Thalari Vasanthrao1,*, Debojit Sarma1, P.K. Barua1, K.K. Sharma1, P. Kalita2, S. Gogoi3
  • https://orcid.org/0000-0002-1040-8777
1Department of Plant Breeding and Genetics, Assam Agricultural University, Jorhat-785 013, Assam, India.
2Department of Crop Physiology, Assam Agricultural University, Jorhat-785 013, Assam, India.
3Department of Horticulture, Assam Agricultural University, Jorhat-785 013, Assam, India.

  • Submitted05-12-2022|

  • Accepted12-06-2023|

  • First Online 20-07-2023|

  • doi 10.18805/LR-5084

ABSTRACT

Background: The investigation on “Mutation induction in garden pea (Pisum sativum L.)’’ was carried out to study the mutagenic effects of ethyl methane sulphonate (EMS) on quantitative traits in M1 generation and determine the effectiveness and efficiency of different doses of EMS.  

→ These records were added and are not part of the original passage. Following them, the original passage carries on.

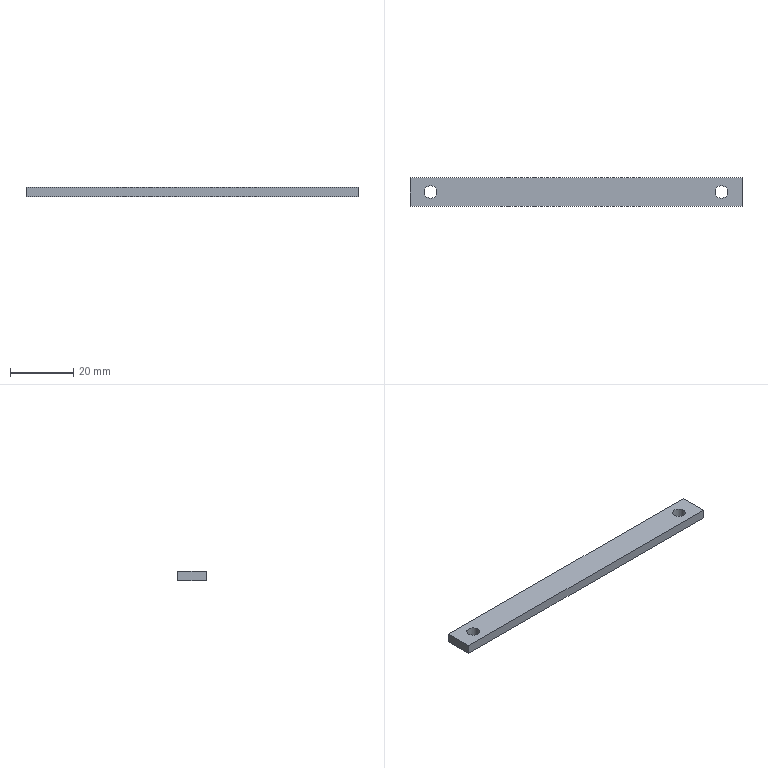Component | NX | GUIDE_PLATE_2 | 1 solid | 8 faces | box 105 x 9 x 3 mm | volume 2760 mm3 | plane 6 | cylinder 2 | commonest cylinder face diameters 4 x2
STEP:
#1=CARTESIAN_POINT('',(0.,0.,0.));
#2=DIRECTION('',(0.,0.,1.));
#3=DIRECTION('',(1.,0.,0.));
#4=AXIS2_PLACEMENT_3D('',#1,#2,#3);
#5=CARTESIAN_POINT('',(331.,-76.,115.5));
#6=VERTEX_POINT('',#5);
#7=CARTESIAN_POINT('',(226.,-76.,115.5));
#8=VERTEX_POINT('',#7);
#9=CARTESIAN_POINT('',(331.,-76.,115.5));
#10=DIRECTION('',(-1.,0.,0.));
#11=VECTOR('',#10,1.);
#12=LINE('',#9,#11);
#13=CARTESIAN_POINT('',(331.,-76.,118.5));
#14=DIRECTION('',(0.,-1.,0.));
#15=DIRECTION('',(0.,0.,-1.));
#16=AXIS2_PLACEMENT_3D('',#13,#14,#15);
#17=PLANE('',#16);
#18=CARTESIAN_POINT('',(3.,0.));
#19=DIRECTION('',(0.,-1.));
#20=VECTOR('',#19,1.);
#21=LINE('',#18,#20);
#22=(GEOMETRIC_REPRESENTATION_CONTEXT(2)PARAMETRIC_REPRESENTATION_CONTEXT()REPRESENTATION_CONTEXT('',''));
#23=DEFINITIONAL_REPRESENTATION('',(#21),#22);
#24=PCURVE('',#17,#23);
#25=CARTESIAN_POINT('',(324.5,-71.5,115.5));
#26=DIRECTION('',(0.,0.,1.));
#27=DIRECTION('',(1.,0.,0.));
#28=AXIS2_PLACEMENT_3D('',#25,#26,#27);
#29=PLANE('',#28);
#30=CARTESIAN_POINT('',(6.5,-4.5));
#31=DIRECTION('',(-1.,0.));
#32=VECTOR('',#31,1.);
#33=LINE('',#30,#32);
#34=(GEOMETRIC_REPRESENTATION_CONTEXT(2)PARAMETRIC_REPRESENTATION_CONTEXT()REPRESENTATION_CONTEXT('',''));
#35=DEFINITIONAL_REPRESENTATION('',(#33),#34);
#36=PCURVE('',#29,#35);
#37=SURFACE_CURVE('',#12,(#24,#36),.PCURVE_S1.);
#38=EDGE_CURVE('',#6,#8,#37,.T.);
#39=ORIENTED_EDGE('',*,*,#38,.F.);
#40=CARTESIAN_POINT('',(331.,-76.,118.5));
#41=VERTEX_POINT('',#40);
#42=CARTESIAN_POINT('',(331.,-76.,118.5));
#43=DIRECTION('',(0.,0.,-1.));
#44=VECTOR('',#43,1.);
#45=LINE('',#42,#44);
#46=CARTESIAN_POINT('',(0.,0.));
#47=DIRECTION('',(1.,0.));
#48=VECTOR('',#47,1.);
#49=LINE('',#46,#48);
#50=(GEOMETRIC_REPRESENTATION_CONTEXT(2)PARAMETRIC_REPRESENTATION_CONTEXT()REPRESENTATION_CONTEXT('',''));
#51=DEFINITIONAL_REPRESENTATION('',(#49),#50);
#52=PCURVE('',#17,#51);
#53=CARTESIAN_POINT('',(331.,-67.,118.5));
#54=DIRECTION('',(1.,0.,0.));
#55=DIRECTION('',(0.,0.,-1.));
#56=AXIS2_PLACEMENT_3D('',#53,#54,#55);
#57=PLANE('',#56);
#58=CARTESIAN_POINT('',(0.,-9.));
#59=DIRECTION('',(1.,0.));
#60=VECTOR('',#59,1.);
#61=LINE('',#58,#60);
#62=(GEOMETRIC_REPRESENTATION_CONTEXT(2)PARAMETRIC_REPRESENTATION_CONTEXT()REPRESENTATION_CONTEXT('',''));
#63=DEFINITIONAL_REPRESENTATION('',(#61),#62);
#64=PCURVE('',#57,#63);
#65=SURFACE_CURVE('',#45,(#52,#64),.PCURVE_S1.);
#66=EDGE_CURVE('',#41,#6,#65,.T.);
#67=ORIENTED_EDGE('',*,*,#66,.F.);
#68=CARTESIAN_POINT('',(226.,-76.,118.5));
#69=VERTEX_POINT('',#68);
#70=CARTESIAN_POINT('',(331.,-76.,118.5));
#71=DIRECTION('',(-1.,0.,0.));
#72=VECTOR('',#71,1.);
#73=LINE('',#70,#72);
#74=CARTESIAN_POINT('',(0.,0.));
#75=DIRECTION('',(0.,-1.));
#76=VECTOR('',#75,1.);
#77=LINE('',#74,#76);
#78=(GEOMETRIC_REPRESENTATION_CONTEXT(2)PARAMETRIC_REPRESENTATION_CONTEXT()REPRESENTATION_CONTEXT('',''));
#79=DEFINITIONAL_REPRESENTATION('',(#77),#78);
#80=PCURVE('',#17,#79);
#81=CARTESIAN_POINT('',(324.5,-71.5,118.5));
#82=DIRECTION('',(0.,0.,1.));
#83=DIRECTION('',(1.,0.,0.));
#84=AXIS2_PLACEMENT_3D('',#81,#82,#83);
#85=PLANE('',#84);
#86=CARTESIAN_POINT('',(6.5,-4.5));
#87=DIRECTION('',(-1.,0.));
#88=VECTOR('',#87,1.);
#89=LINE('',#86,#88);
#90=(GEOMETRIC_REPRESENTATION_CONTEXT(2)PARAMETRIC_REPRESENTATION_CONTEXT()REPRESENTATION_CONTEXT('',''));
#91=DEFINITIONAL_REPRESENTATION('',(#89),#90);
#92=PCURVE('',#85,#91);
#93=SURFACE_CURVE('',#73,(#80,#92),.PCURVE_S1.);
#94=EDGE_CURVE('',#41,#69,#93,.T.);
#95=ORIENTED_EDGE('',*,*,#94,.T.);
#96=CARTESIAN_POINT('',(226.,-76.,118.5));
#97=DIRECTION('',(0.,0.,-1.));
#98=VECTOR('',#97,1.);
#99=LINE('',#96,#98);
#100=CARTESIAN_POINT('',(0.,-105.));
#101=DIRECTION('',(1.,0.));
#102=VECTOR('',#101,1.);
#103=LINE('',#100,#102);
#104=(GEOMETRIC_REPRESENTATION_CONTEXT(2)PARAMETRIC_REPRESENTATION_CONTEXT()REPRESENTATION_CONTEXT('',''));
#105=DEFINITIONAL_REPRESENTATION('',(#103),#104);
#106=PCURVE('',#17,#105);
#107=CARTESIAN_POINT('',(226.,-76.,118.5));
#108=DIRECTION('',(-1.,0.,0.));
#109=DIRECTION('',(0.,0.,1.));
#110=AXIS2_PLACEMENT_3D('',#107,#108,#109);
#111=PLANE('',#110);
#112=CARTESIAN_POINT('',(0.,0.));
#113=DIRECTION('',(-1.,0.));
#114=VECTOR('',#113,1.);
#115=LINE('',#112,#114);
#116=(GEOMETRIC_REPRESENTATION_CONTEXT(2)PARAMETRIC_REPRESENTATION_CONTEXT()REPRESENTATION_CONTEXT('',''));
#117=DEFINITIONAL_REPRESENTATION('',(#115),#116);
#118=PCURVE('',#111,#117);
#119=SURFACE_CURVE('',#99,(#106,#118),.PCURVE_S1.);
#120=EDGE_CURVE('',#69,#8,#119,.T.);
#121=ORIENTED_EDGE('',*,*,#120,.T.);
#122=EDGE_LOOP('',(#39,#67,#95,#121));
#123=FACE_BOUND('',#122,.T.);
#124=ADVANCED_FACE('',(#123),#17,.T.);
#125=CARTESIAN_POINT('',(226.,-67.,115.5));
#126=VERTEX_POINT('',#125);
#127=CARTESIAN_POINT('',(226.,-76.,115.5));
#128=DIRECTION('',(0.,1.,0.));
#129=VECTOR('',#128,1.);
#130=LINE('',#127,#129);
#131=CARTESIAN_POINT('',(-3.,0.));
#132=DIRECTION('',(0.,1.));
#133=VECTOR('',#132,1.);
#134=LINE('',#131,#133);
#135=(GEOMETRIC_REPRESENTATION_CONTEXT(2)PARAMETRIC_REPRESENTATION_CONTEXT()REPRESENTATION_CONTEXT('',''));
#136=DEFINITIONAL_REPRESENTATION('',(#134),#135);
#137=PCURVE('',#111,#136);
#138=CARTESIAN_POINT('',(-98.5,-4.5));
#139=DIRECTION('',(0.,1.));
#140=VECTOR('',#139,1.);
#141=LINE('',#138,#140);
#142=(GEOMETRIC_REPRESENTATION_CONTEXT(2)PARAMETRIC_REPRESENTATION_CONTEXT()REPRESENTATION_CONTEXT('',''));
#143=DEFINITIONAL_REPRESENTATION('',(#141),#142);
#144=PCURVE('',#29,#143);
#145=SURFACE_CURVE('',#130,(#137,#144),.PCURVE_S1.);
#146=EDGE_CURVE('',#8,#126,#145,.T.);
#147=ORIENTED_EDGE('',*,*,#146,.F.);
#148=ORIENTED_EDGE('',*,*,#120,.F.);
#149=CARTESIAN_POINT('',(226.,-67.,118.5));
#150=VERTEX_POINT('',#149);
#151=CARTESIAN_POINT('',(226.,-76.,118.5));
#152=DIRECTION('',(0.,1.,0.));
#153=VECTOR('',#152,1.);
#154=LINE('',#151,#153);
#155=CARTESIAN_POINT('',(0.,0.));
#156=DIRECTION('',(0.,1.));
#157=VECTOR('',#156,1.);
#158=LINE('',#155,#157);
#159=(GEOMETRIC_REPRESENTATION_CONTEXT(2)PARAMETRIC_REPRESENTATION_CONTEXT()REPRESENTATION_CONTEXT('',''));
#160=DEFINITIONAL_REPRESENTATION('',(#158),#159);
#161=PCURVE('',#111,#160);
#162=CARTESIAN_POINT('',(-98.5,-4.5));
#163=DIRECTION('',(0.,1.));
#164=VECTOR('',#163,1.);
#165=LINE('',#162,#164);
#166=(GEOMETRIC_REPRESENTATION_CONTEXT(2)PARAMETRIC_REPRESENTATION_CONTEXT()REPRESENTATION_CONTEXT('',''));
#167=DEFINITIONAL_REPRESENTATION('',(#165),#166);
#168=PCURVE('',#85,#167);
#169=SURFACE_CURVE('',#154,(#161,#168),.PCURVE_S1.);
#170=EDGE_CURVE('',#69,#150,#169,.T.);
#171=ORIENTED_EDGE('',*,*,#170,.T.);
#172=CARTESIAN_POINT('',(226.,-67.,118.5));
#173=DIRECTION('',(0.,0.,-1.));
#174=VECTOR('',#173,1.);
#175=LINE('',#172,#174);
#176=CARTESIAN_POINT('',(0.,9.));
#177=DIRECTION('',(-1.,0.));
#178=VECTOR('',#177,1.);
#179=LINE('',#176,#178);
#180=(GEOMETRIC_REPRESENTATION_CONTEXT(2)PARAMETRIC_REPRESENTATION_CONTEXT()REPRESENTATION_CONTEXT('',''));
#181=DEFINITIONAL_REPRESENTATION('',(#179),#180);
#182=PCURVE('',#111,#181);
#183=CARTESIAN_POINT('',(226.,-67.,118.5));
#184=DIRECTION('',(0.,1.,0.));
#185=DIRECTION('',(0.,0.,1.));
#186=AXIS2_PLACEMENT_3D('',#183,#184,#185);
#187=PLANE('',#186);
#188=CARTESIAN_POINT('',(0.,0.));
#189=DIRECTION('',(-1.,0.));
#190=VECTOR('',#189,1.);
#191=LINE('',#188,#190);
#192=(GEOMETRIC_REPRESENTATION_CONTEXT(2)PARAMETRIC_REPRESENTATION_CONTEXT()REPRESENTATION_CONTEXT('',''));
#193=DEFINITIONAL_REPRESENTATION('',(#191),#192);
#194=PCURVE('',#187,#193);
#195=SURFACE_CURVE('',#175,(#182,#194),.PCURVE_S1.);
#196=EDGE_CURVE('',#150,#126,#195,.T.);
#197=ORIENTED_EDGE('',*,*,#196,.T.);
#198=EDGE_LOOP('',(#147,#148,#171,#197));
#199=FACE_BOUND('',#198,.T.);
#200=ADVANCED_FACE('',(#199),#111,.T.);
#201=CARTESIAN_POINT('',(331.,-67.,115.5));
#202=VERTEX_POINT('',#201);
#203=CARTESIAN_POINT('',(226.,-67.,115.5));
#204=DIRECTION('',(1.,0.,0.));
#205=VECTOR('',#204,1.);
#206=LINE('',#203,#205);
#207=CARTESIAN_POINT('',(-3.,0.));
#208=DIRECTION('',(0.,1.));
#209=VECTOR('',#208,1.);
#210=LINE('',#207,#209);
#211=(GEOMETRIC_REPRESENTATION_CONTEXT(2)PARAMETRIC_REPRESENTATION_CONTEXT()REPRESENTATION_CONTEXT('',''));
#212=DEFINITIONAL_REPRESENTATION('',(#210),#211);
#213=PCURVE('',#187,#212);
#214=CARTESIAN_POINT('',(-98.5,4.5));
#215=DIRECTION('',(1.,0.));
#216=VECTOR('',#215,1.);
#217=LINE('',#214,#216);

Methods: The two varieties of garden peas, Kashi Nandini and Kashi Uday, were subjected to mutagenic treatments with the EMS at 0.05, 0.10, 0.15, 0.20, 0.30 and 0.40%. The M1 generation was raised in RBD with two replications during Rabi 2019-20. Plants from three concentrations, 0.10, 0.15 and 0.20% EMS, were evaluated in M1 plant progenies (M2) during Rabi 2020-21.  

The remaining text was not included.